Brigadier Alistair Gordon Lethbridge Stewart. That moustache is a little too Air Force for my liking, and the hat is completely wrong, but at least it’s military. For Peri, I went with the pink outfit she wore in ‘Attack of the Cybermen’.


Dodo and Zoe. Dodo’s singlet is so near, and yet so far – what I’d have given for one with a donut! – but other than that it’s a reasonable likeness. Zoe is wearing the silver jumpsuit she wore when splayed over the TARDIS in ‘The Mind Robber’, where the camera lingers over her buttocks for far longer than is necessary. That may be why I picked it.


You couldn’t not put these two together, could you? I wanted a sailor outfit for Ben, but they didn’t have one. As a result he’s a bit nondescript – but stick him next to Polly, and they’re peas and carrots.


You’re spoilt for choice with Jo Grant – so many cracking outfits! – but in the end I plumped for the cowgirl ensemble she wore in ‘Day of the Daleks’, although mercifully you are unable to see up her skirt.
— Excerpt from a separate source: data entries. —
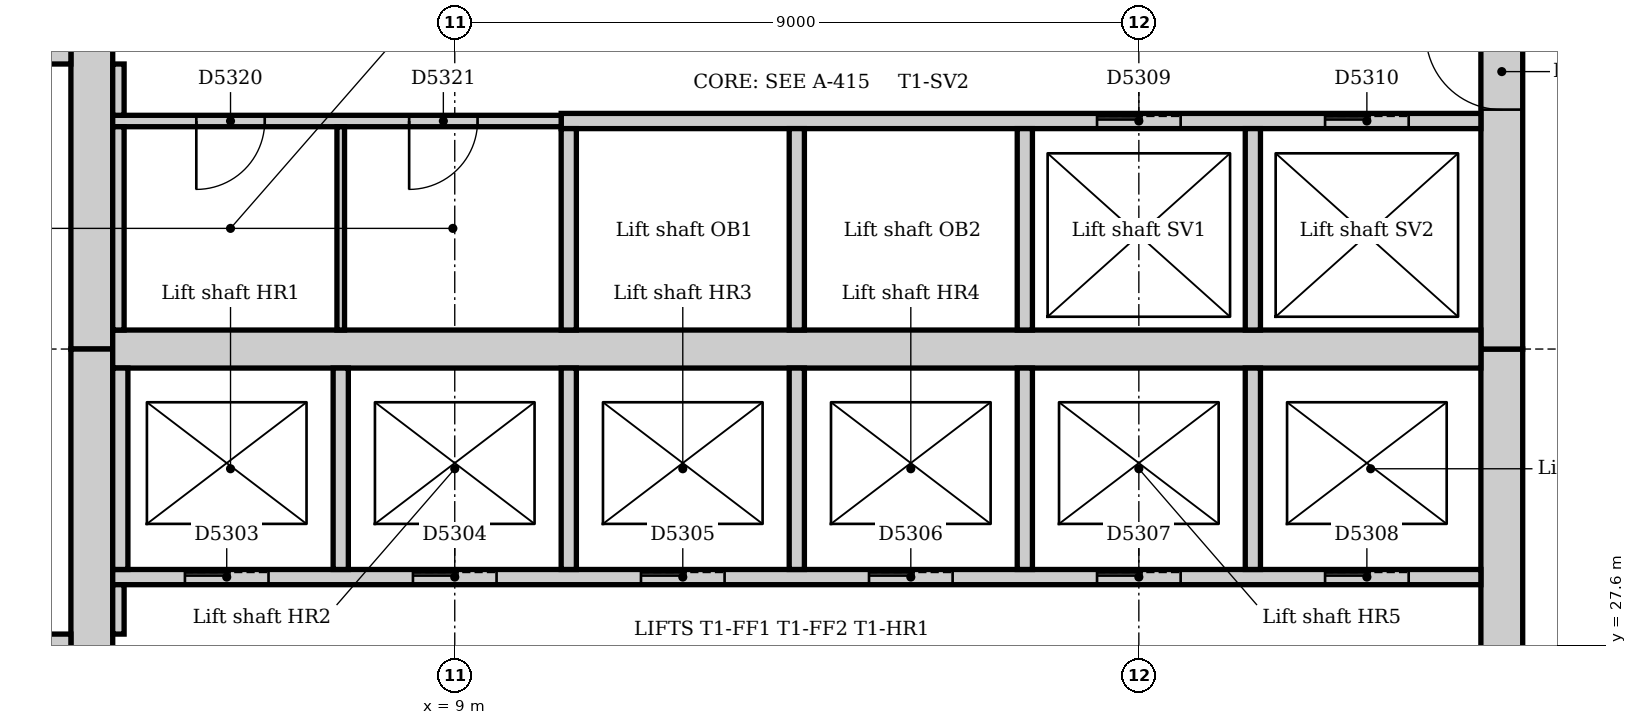
"""IFC4 building model, lengths in metres.
Left out: names, types, materials, properties, quantities, classifications, styles, units other than length and angle.
Written with IfcOpenShell. Run it as: python <this file> out.ifc"""

import sys

from ifc_helpers import new_model, si_unit, direction, frame, frame_2d, origin, place, context, subcontext, project, spatial, rectangle, extrude, element, fill, save


model = new_model("IFC4")
c1 = context("Model", 3, precision=1e-05, world=origin(), true_north=direction((0.0, 1.0)))
c2 = subcontext(c1, "Body", "Model", "MODEL_VIEW")
j1 = project(units=[si_unit("LENGTHUNIT", "METRE"), si_unit("PLANEANGLEUNIT", "RADIAN")], contexts=[c1])
p1 = place(None, origin())
s1 = spatial("IfcSite", under=j1, at=p1, CompositionType="ELEMENT")
p2 = place(p1, origin())
s2 = spatial("IfcBuilding", under=s1, at=p2, CompositionType="ELEMENT")
p3 = place(p2, frame((0.0, 0.0, 238.0)))
s3 = spatial("IfcBuildingStorey", under=s2, at=p3, CompositionType="ELEMENT", Elevation=238.0)
p4 = place(p3, frame((22.775, 21.0, 0.0), z_axis=(0.0, 0.0, 1.0), x_axis=(0.0, 1.0, 0.0)))
e1 = element("IfcWall", 1, at=p4, inside=s3, PredefinedType="SOLIDWALL", context=c2, shape_type="SweptSolid", body=[
    extrude(rectangle(XDim=10.5, YDim=0.55, at=frame_2d((5.25, 0.0))), origin(), (0.0, 0.0, 1.0), 4.0),
])
p5 = place(p4, frame((4.35, 0.0, 0.0)))
e2 = element("IfcOpeningElement", 2, at=p5, cuts=e1, PredefinedType="OPENING", context=c2, shape_type="SweptSolid", body=[
    extrude(rectangle(XDim=1.8, YDim=2.1, at=frame_2d((0.9, 1.05))), frame((0.0, 0.285, 0.0), z_axis=(0.0, -1.0, 0.0), x_axis=(1.0, 0.0, 0.0)), (0.0, 0.0, 1.0), 0.57),
])
p6 = place(p3, frame((22.775, 31.5, 0.0), z_axis=(0.0, 0.0, 1.0), x_axis=(0.0, 1.0, 0.0)))
e3 = element("IfcWall", 3, at=p6, inside=s3, PredefinedType="SOLIDWALL", context=c2, shape_type="SweptSolid", body=[
    extrude(rectangle(XDim=10.5, YDim=0.55, at=frame_2d((5.25, 0.0))), origin(), (0.0, 0.0, 1.0), 4.0),
])
p7 = place(p6, frame((3.15, 0.0, 0.0)))
e4 = element("IfcOpeningElement", 4, at=p7, cuts=e3, PredefinedType="OPENING", context=c2, shape_type="SweptSolid", body=[
    extrude(rectangle(XDim=1.0, YDim=2.1, at=frame_2d((0.5, 1.05))), frame((0.0, 0.285, 0.0), z_axis=(0.0, -1.0, 0.0), x_axis=(1.0, 0.0, 0.0)), (0.0, 0.0, 1.0), 0.57),
])
p8 = place(p6, frame((5.2, 0.0, 0.0)))
e5 = element("IfcOpeningElement", 5, at=p8, cuts=e3, PredefinedType="OPENING", context=c2, shape_type="SweptSolid", body=[
    extrude(rectangle(XDim=1.0, YDim=2.1, at=frame_2d((0.5, 1.05))), frame((0.0, 0.285, 0.0), z_axis=(0.0, -1.0, 0.0), x_axis=(1.0, 0.0, 0.0)), (0.0, 0.0, 1.0), 0.57),
])
p9 = place(p3, frame((4.225, 42.0, 0.0), z_axis=(0.0, 0.0, 1.0), x_axis=(0.0, -1.0, 0.0)))
e6 = element("IfcWall", 6, at=p9, inside=s3, PredefinedType="SOLIDWALL", context=c2, shape_type="SweptSolid", body=[
    extrude(rectangle(XDim=10.5, YDim=0.55, at=frame_2d((5.25, 0.0))), origin(), (0.0, 0.0, 1.0), 4.0),
])
p10 = place(p9, frame((5.3, 0.0, 0.0)))
e7 = element("IfcOpeningElement", 7, at=p10, cuts=e6, PredefinedType="OPENING", context=c2, shape_type="SweptSolid", body=[
    extrude(rectangle(XDim=1.0, YDim=2.1, at=frame_2d((0.5, 1.05))), frame((0.0, 0.285, 0.0), z_axis=(0.0, -1.0, 0.0), x_axis=(1.0, 0.0, 0.0)), (0.0, 0.0, 1.0), 0.57),
])
p11 = place(p3, frame((4.225, 31.5, 0.0), z_axis=(0.0, 0.0, 1.0), x_axis=(0.0, -1.0, 0.0)))
e8 = element("IfcWall", 8, at=p11, inside=s3, PredefinedType="SOLIDWALL", context=c2, shape_type="SweptSolid", body=[
    extrude(rectangle(XDim=10.5, YDim=0.55, at=frame_2d((5.25, 0.0))), origin(), (0.0, 0.0, 1.0), 4.0),
])
p12 = place(p11, frame((4.25, 0.0, 0.0)))
e9 = element("IfcOpeningElement", 9, at=p12, cuts=e8, PredefinedType="OPENING", context=c2, shape_type="SweptSolid", body=[
    extrude(rectangle(XDim=1.0, YDim=2.1, at=frame_2d((0.5, 1.05))), frame((0.0, 0.285, 0.0), z_axis=(0.0, -1.0, 0.0), x_axis=(1.0, 0.0, 0.0)), (0.0, 0.0, 1.0), 0.57),
])
p13 = place(p3, frame((4.5, 31.5, 0.0), z_axis=(0.0, 0.0, 1.0), x_axis=(1.0, 0.0, 0.0)))
e10 = element("IfcWall", 10, at=p13, inside=s3, PredefinedType="SOLIDWALL", context=c2, shape_type="SweptSolid", body=[
    extrude(rectangle(XDim=18.0, YDim=0.5, at=frame_2d((9.0, 0.0))), origin(), (0.0, 0.0, 1.0), 4.0),
])
p14 = place(p3, frame((3.95, 27.625, 0.0), z_axis=(0.0, 0.0, 1.0), x_axis=(-1.0, 0.0, 0.0)))
e11 = element("IfcWall", 11, at=p14, inside=s3, PredefinedType="SOLIDWALL", context=c2, shape_type="SweptSolid", body=[
    extrude(rectangle(XDim=3.59, YDim=0.25, at=frame_2d((1.795, 0.0))), origin(), (0.0, 0.0, 1.0), 4.0),
])
p15 = place(p14, frame((0.45, 0.0, 0.0)))
e12 = element("IfcOpeningElement", 12, at=p15, cuts=e11, PredefinedType="OPENING", context=c2, shape_type="SweptSolid", body=[
    extrude(rectangle(XDim=1.0, YDim=2.1, at=frame_2d((0.5, 1.05))), frame((0.0, 0.135, 0.0), z_axis=(0.0, -1.0, 0.0), x_axis=(1.0, 0.0, 0.0)), (0.0, 0.0, 1.0), 0.27),
])
p16 = place(p3, frame((0.36, 35.375, 0.0), z_axis=(0.0, 0.0, 1.0), x_axis=(1.0, 0.0, 0.0)))
e13 = element("IfcWall", 13, at=p16, inside=s3, PredefinedType="SOLIDWALL", context=c2, shape_type="SweptSolid", body=[
    extrude(rectangle(XDim=3.59, YDim=0.25, at=frame_2d((1.795, 0.0))), origin(), (0.0, 0.0, 1.0), 4.0),
])
p17 = place(p16, frame((2.14, 0.0, 0.0)))
e14 = element("IfcOpeningElement", 14, at=p17, cuts=e13, PredefinedType="OPENING", context=c2, shape_type="SweptSolid", body=[
    extrude(rectangle(XDim=1.0, YDim=2.1, at=frame_2d((0.5, 1.05))), frame((0.0, 0.135, 0.0), z_axis=(0.0, -1.0, 0.0), x_axis=(1.0, 0.0, 0.0)), (0.0, 0.0, 1.0), 0.27),
])
p18 = place(p3, frame((4.5, 28.5, 0.0), z_axis=(0.0, 0.0, 1.0), x_axis=(1.0, 0.0, 0.0)))
e15 = element("IfcWall", 15, at=p18, inside=s3, PredefinedType="PARTITIONING", context=c2, shape_type="SweptSolid", body=[
    extrude(rectangle(XDim=18.0, YDim=0.2, at=frame_2d((9.0, 0.0))), origin(), (0.0, 0.0, 1.0), 3.7),
])
p19 = place(p18, frame((0.95, 0.0, 0.0)))
e16 = element("IfcOpeningElement", 16, at=p19, cuts=e15, PredefinedType="OPENING", context=c2, shape_type="SweptSolid", body=[
    extrude(rectangle(XDim=1.1, YDim=2.1, at=frame_2d((0.55, 1.05))), frame((0.0, 0.11, 0.0), z_axis=(0.0, -1.0, 0.0), x_axis=(1.0, 0.0, 0.0)), (0.0, 0.0, 1.0), 0.22),
])
p20 = place(p18, frame((3.95, 0.0, 0.0)))
e17 = element("IfcOpeningElement", 17, at=p20, cuts=e15, PredefinedType="OPENING", context=c2, shape_type="SweptSolid", body=[
    extrude(rectangle(XDim=1.1, YDim=2.1, at=frame_2d((0.55, 1.05))), frame((0.0, 0.11, 0.0), z_axis=(0.0, -1.0, 0.0), x_axis=(1.0, 0.0, 0.0)), (0.0, 0.0, 1.0), 0.22),
])
p21 = place(p18, frame((6.95, 0.0, 0.0)))
e18 = element("IfcOpeningElement", 18, at=p21, cuts=e15, PredefinedType="OPENING", context=c2, shape_type="SweptSolid", body=[
    extrude(rectangle(XDim=1.1, YDim=2.1, at=frame_2d((0.55, 1.05))), frame((0.0, 0.11, 0.0), z_axis=(0.0, -1.0, 0.0), x_axis=(1.0, 0.0, 0.0)), (0.0, 0.0, 1.0), 0.22),
])
p22 = place(p18, frame((9.95, 0.0, 0.0)))
e19 = element("IfcOpeningElement", 19, at=p22, cuts=e15, PredefinedType="OPENING", context=c2, shape_type="SweptSolid", body=[
    extrude(rectangle(XDim=1.1, YDim=2.1, at=frame_2d((0.55, 1.05))), frame((0.0, 0.11, 0.0), z_axis=(0.0, -1.0, 0.0), x_axis=(1.0, 0.0, 0.0)), (0.0, 0.0, 1.0), 0.22),
])
p23 = place(p18, frame((12.95, 0.0, 0.0)))
e20 = element("IfcOpeningElement", 20, at=p23, cuts=e15, PredefinedType="OPENING", context=c2, shape_type="SweptSolid", body=[
    extrude(rectangle(XDim=1.1, YDim=2.1, at=frame_2d((0.55, 1.05))), frame((0.0, 0.11, 0.0), z_axis=(0.0, -1.0, 0.0), x_axis=(1.0, 0.0, 0.0)), (0.0, 0.0, 1.0), 0.22),
])
p24 = place(p18, frame((15.95, 0.0, 0.0)))
e21 = element("IfcOpeningElement", 21, at=p24, cuts=e15, PredefinedType="OPENING", context=c2, shape_type="SweptSolid", body=[
    extrude(rectangle(XDim=1.1, YDim=2.1, at=frame_2d((0.55, 1.05))), frame((0.0, 0.11, 0.0), z_axis=(0.0, -1.0, 0.0), x_axis=(1.0, 0.0, 0.0)), (0.0, 0.0, 1.0), 0.22),
])
p25 = place(p3, frame((10.4, 34.5, 0.0), z_axis=(0.0, 0.0, 1.0), x_axis=(1.0, 0.0, 0.0)))
e22 = element("IfcWall", 22, at=p25, inside=s3, PredefinedType="PARTITIONING", context=c2, shape_type="SweptSolid", body=[
    extrude(rectangle(XDim=12.1, YDim=0.2, at=frame_2d((6.05, 0.0))), origin(), (0.0, 0.0, 1.0), 3.7),
])
p26 = place(p25, frame((7.05, 0.0, 0.0)))
e23 = element("IfcOpeningElement", 23, at=p26, cuts=e22, PredefinedType="OPENING", context=c2, shape_type="SweptSolid", body=[
    extrude(rectangle(XDim=1.1, YDim=2.1, at=frame_2d((0.55, 1.05))), frame((0.0, 0.11, 0.0), z_axis=(0.0, -1.0, 0.0), x_axis=(1.0, 0.0, 0.0)), (0.0, 0.0, 1.0), 0.22),
])
p27 = place(p25, frame((10.05, 0.0, 0.0)))
e24 = element("IfcOpeningElement", 24, at=p27, cuts=e22, PredefinedType="OPENING", context=c2, shape_type="SweptSolid", body=[
    extrude(rectangle(XDim=1.1, YDim=2.1, at=frame_2d((0.55, 1.05))), frame((0.0, 0.11, 0.0), z_axis=(0.0, -1.0, 0.0), x_axis=(1.0, 0.0, 0.0)), (0.0, 0.0, 1.0), 0.22),
])
for number, where, z_axis, x_axis in (
    (25, (10.5, 28.6, 0.0), (0.0, 0.0, 1.0), (0.0, 1.0, 0.0)),
    (26, (10.5, 31.75, 0.0), (0.0, 0.0, 1.0), (0.0, 1.0, 0.0)),
    (27, (13.5, 28.6, 0.0), (0.0, 0.0, 1.0), (0.0, 1.0, 0.0)),
    (28, (13.5, 31.75, 0.0), (0.0, 0.0, 1.0), (0.0, 1.0, 0.0)),
    (29, (16.5, 28.6, 0.0), (0.0, 0.0, 1.0), (0.0, 1.0, 0.0)),
    (30, (16.5, 31.75, 0.0), (0.0, 0.0, 1.0), (0.0, 1.0, 0.0)),
    (31, (19.5, 28.6, 0.0), (0.0, 0.0, 1.0), (0.0, 1.0, 0.0)),
    (32, (19.5, 31.75, 0.0), (0.0, 0.0, 1.0), (0.0, 1.0, 0.0)),
    (33, (4.6, 28.6, 0.0), (0.0, 0.0, 1.0), (0.0, 1.0, 0.0)),
    (34, (7.5, 28.6, 0.0), (0.0, 0.0, 1.0), (0.0, 1.0, 0.0)),
):
    element("IfcWall", number, at=place(p3, frame(where, z_axis=z_axis, x_axis=x_axis)), inside=s3, PredefinedType="PARTITIONING", context=c2, shape_type="SweptSolid", body=[
        extrude(rectangle(XDim=2.65, YDim=0.2, at=frame_2d((1.325, 0.0))), origin(), (0.0, 0.0, 1.0), 3.7),
    ])
p28 = place(p3, frame((4.5, 34.5, 0.0), z_axis=(0.0, 0.0, 1.0), x_axis=(1.0, 0.0, 0.0)))
e35 = element("IfcWall", 35, at=p28, inside=s3, PredefinedType="PARTITIONING", context=c2, shape_type="SweptSolid", body=[
    extrude(rectangle(XDim=5.9, YDim=0.15, at=frame_2d((2.95, 0.0))), origin(), (0.0, 0.0, 1.0), 3.7),
])
p29 = place(p28, frame((1.1, 0.0, 0.0)))
e36 = element("IfcOpeningElement", 36, at=p29, cuts=e35, PredefinedType="OPENING", context=c2, shape_type="SweptSolid", body=[
    extrude(rectangle(XDim=0.9, YDim=2.1, at=frame_2d((0.45, 1.05))), frame((0.0, 0.085, 0.0), z_axis=(0.0, -1.0, 0.0), x_axis=(1.0, 0.0, 0.0)), (0.0, 0.0, 1.0), 0.17),
])
p30 = place(p28, frame((3.9, 0.0, 0.0)))
e37 = element("IfcOpeningElement", 37, at=p30, cuts=e35, PredefinedType="OPENING", context=c2, shape_type="SweptSolid", body=[
    extrude(rectangle(XDim=0.9, YDim=2.1, at=frame_2d((0.45, 1.05))), frame((0.0, 0.085, 0.0), z_axis=(0.0, -1.0, 0.0), x_axis=(1.0, 0.0, 0.0)), (0.0, 0.0, 1.0), 0.17),
])
p31 = place(p3, frame((4.575, 34.575, 0.0), z_axis=(0.0, 0.0, 1.0), x_axis=(0.0, 1.0, 0.0)))
e38 = element("IfcWall", 38, at=p31, inside=s3, PredefinedType="PARTITIONING", context=c2, shape_type="SweptSolid", body=[
    extrude(rectangle(XDim=0.675, YDim=0.15, at=frame_2d((0.338, 0.0))), origin(), (0.0, 0.0, 1.0), 3.7),
])
p32 = place(p3, frame((4.575, 31.75, 0.0), z_axis=(0.0, 0.0, 1.0), x_axis=(0.0, 1.0, 0.0)))
e39 = element("IfcWall", 39, at=p32, inside=s3, PredefinedType="PARTITIONING", context=c2, shape_type="SweptSolid", body=[
    extrude(rectangle(XDim=2.675, YDim=0.15, at=frame_2d((1.337, 0.0))), origin(), (0.0, 0.0, 1.0), 3.7),
])
p33 = place(p3, frame((4.575, 27.75, 0.0), z_axis=(0.0, 0.0, 1.0), x_axis=(0.0, 1.0, 0.0)))
e40 = element("IfcWall", 40, at=p33, inside=s3, PredefinedType="PARTITIONING", context=c2, shape_type="SweptSolid", body=[
    extrude(rectangle(XDim=0.65, YDim=0.15, at=frame_2d((0.325, 0.0))), origin(), (0.0, 0.0, 1.0), 3.7),
])
p34 = place(p3, frame((7.5, 31.75, 0.0), z_axis=(0.0, 0.0, 1.0), x_axis=(0.0, 1.0, 0.0)))
e41 = element("IfcWall", 41, at=p34, inside=s3, PredefinedType="PARTITIONING", context=c2, shape_type="SweptSolid", body=[
    extrude(rectangle(XDim=2.675, YDim=0.1, at=frame_2d((1.337, 0.0))), origin(), (0.0, 0.0, 1.0), 3.7),
])
p35 = place(p19, origin())
e42 = element("IfcDoor", 42, at=p35, inside=s3, OperationType="SLIDING_TO_LEFT", PredefinedType="DOOR", context=c2, shape_type="SweptSolid", body=[
    extrude(rectangle(XDim=1.1, YDim=2.1, at=frame_2d((0.55, 1.05))), frame((0.0, 0.025, 0.0), z_axis=(0.0, -1.0, 0.0), x_axis=(1.0, 0.0, 0.0)), (0.0, 0.0, 1.0), 0.05),
])
fill(e16, e42)
p36 = place(p20, origin())
e43 = element("IfcDoor", 43, at=p36, inside=s3, OperationType="SLIDING_TO_LEFT", PredefinedType="DOOR", context=c2, shape_type="SweptSolid", body=[
    extrude(rectangle(XDim=1.1, YDim=2.1, at=frame_2d((0.55, 1.05))), frame((0.0, 0.025, 0.0), z_axis=(0.0, -1.0, 0.0), x_axis=(1.0, 0.0, 0.0)), (0.0, 0.0, 1.0), 0.05),
])
fill(e17, e43)
p37 = place(p21, origin())
e44 = element("IfcDoor", 44, at=p37, inside=s3, OperationType="SLIDING_TO_LEFT", PredefinedType="DOOR", context=c2, shape_type="SweptSolid", body=[
    extrude(rectangle(XDim=1.1, YDim=2.1, at=frame_2d((0.55, 1.05))), frame((0.0, 0.025, 0.0), z_axis=(0.0, -1.0, 0.0), x_axis=(1.0, 0.0, 0.0)), (0.0, 0.0, 1.0), 0.05),
])
fill(e18, e44)
p38 = place(p22, origin())
e45 = element("IfcDoor", 45, at=p38, inside=s3, OperationType="SLIDING_TO_LEFT", PredefinedType="DOOR", context=c2, shape_type="SweptSolid", body=[
    extrude(rectangle(XDim=1.1, YDim=2.1, at=frame_2d((0.55, 1.05))), frame((0.0, 0.025, 0.0), z_axis=(0.0, -1.0, 0.0), x_axis=(1.0, 0.0, 0.0)), (0.0, 0.0, 1.0), 0.05),
])
fill(e19, e45)
p39 = place(p23, origin())
e46 = element("IfcDoor", 46, at=p39, inside=s3, OperationType="SLIDING_TO_LEFT", PredefinedType="DOOR", context=c2, shape_type="SweptSolid", body=[
    extrude(rectangle(XDim=1.1, YDim=2.1, at=frame_2d((0.55, 1.05))), frame((0.0, 0.025, 0.0), z_axis=(0.0, -1.0, 0.0), x_axis=(1.0, 0.0, 0.0)), (0.0, 0.0, 1.0), 0.05),
])
fill(e20, e46)
p40 = place(p24, origin())
e47 = element("IfcDoor", 47, at=p40, inside=s3, OperationType="SLIDING_TO_LEFT", PredefinedType="DOOR", context=c2, shape_type="SweptSolid", body=[
    extrude(rectangle(XDim=1.1, YDim=2.1, at=frame_2d((0.55, 1.05))), frame((0.0, 0.025, 0.0), z_axis=(0.0, -1.0, 0.0), x_axis=(1.0, 0.0, 0.0)), (0.0, 0.0, 1.0), 0.05),
])
fill(e21, e47)
p41 = place(p26, origin())
e48 = element("IfcDoor", 48, at=p41, inside=s3, OperationType="SLIDING_TO_LEFT", PredefinedType="DOOR", context=c2, shape_type="SweptSolid", body=[
    extrude(rectangle(XDim=1.1, YDim=2.1, at=frame_2d((0.55, 1.05))), frame((0.0, 0.025, 0.0), z_axis=(0.0, -1.0, 0.0), x_axis=(1.0, 0.0, 0.0)), (0.0, 0.0, 1.0), 0.05),
])
fill(e23, e48)
p42 = place(p27, origin())
e49 = element("IfcDoor", 49, at=p42, inside=s3, OperationType="SLIDING_TO_LEFT", PredefinedType="DOOR", context=c2, shape_type="SweptSolid", body=[
    extrude(rectangle(XDim=1.1, YDim=2.1, at=frame_2d((0.55, 1.05))), frame((0.0, 0.025, 0.0), z_axis=(0.0, -1.0, 0.0), x_axis=(1.0, 0.0, 0.0)), (0.0, 0.0, 1.0), 0.05),
])
fill(e24, e49)
p43 = place(p7, origin())
e50 = element("IfcDoor", 50, at=p43, inside=s3, OperationType="SINGLE_SWING_RIGHT", PredefinedType="DOOR", context=c2, shape_type="SweptSolid", body=[
    extrude(rectangle(XDim=1.0, YDim=2.1, at=frame_2d((0.5, 1.05))), frame((0.0, 0.025, 0.0), z_axis=(0.0, -1.0, 0.0), x_axis=(1.0, 0.0, 0.0)), (0.0, 0.0, 1.0), 0.05),
])
fill(e4, e50)
p44 = place(p29, frame((0.9, 0.0, 0.0), z_axis=(0.0, 0.0, 1.0), x_axis=(-1.0, 0.0, 0.0)))
e51 = element("IfcDoor", 51, at=p44, inside=s3, OperationType="SINGLE_SWING_RIGHT", PredefinedType="DOOR", context=c2, shape_type="SweptSolid", body=[
    extrude(rectangle(XDim=0.9, YDim=2.1, at=frame_2d((0.45, 1.05))), frame((0.0, 0.025, 0.0), z_axis=(0.0, -1.0, 0.0), x_axis=(1.0, 0.0, 0.0)), (0.0, 0.0, 1.0), 0.05),
])
fill(e36, e51)
p45 = place(p30, frame((0.9, 0.0, 0.0), z_axis=(0.0, 0.0, 1.0), x_axis=(-1.0, 0.0, 0.0)))
e52 = element("IfcDoor", 52, at=p45, inside=s3, OperationType="SINGLE_SWING_RIGHT", PredefinedType="DOOR", context=c2, shape_type="SweptSolid", body=[
    extrude(rectangle(XDim=0.9, YDim=2.1, at=frame_2d((0.45, 1.05))), frame((0.0, 0.025, 0.0), z_axis=(0.0, -1.0, 0.0), x_axis=(1.0, 0.0, 0.0)), (0.0, 0.0, 1.0), 0.05),
])
fill(e37, e52)
save(model, sys.argv[1])

I feel like Sarah Jane rather drew the short straw – she was the epitome of working chic for most of her run, right until that last story. But honestly, how could you not use it?!?


It’s a kilt, not a skirt, and I think I got the colours more or less right. Jamie is joined by Liz, who is in her Silurian outfit, and probably just about to run across a weir.


This was an easy one. All you need is the hair and it’s instantly Bonnie Langford, even without the deckchair polo shirt. Next to that, Ace looks positively Goth-like.


Tegan’s top is a little more strappy and a little less abstract than I’d have liked, but it’s a reasonable approximation and it does at least have that 1980s vibe about it. Inevitably, Turlough looks miserable. Well you would too if you went travelling in space and the only clothing you brought was your school uniform.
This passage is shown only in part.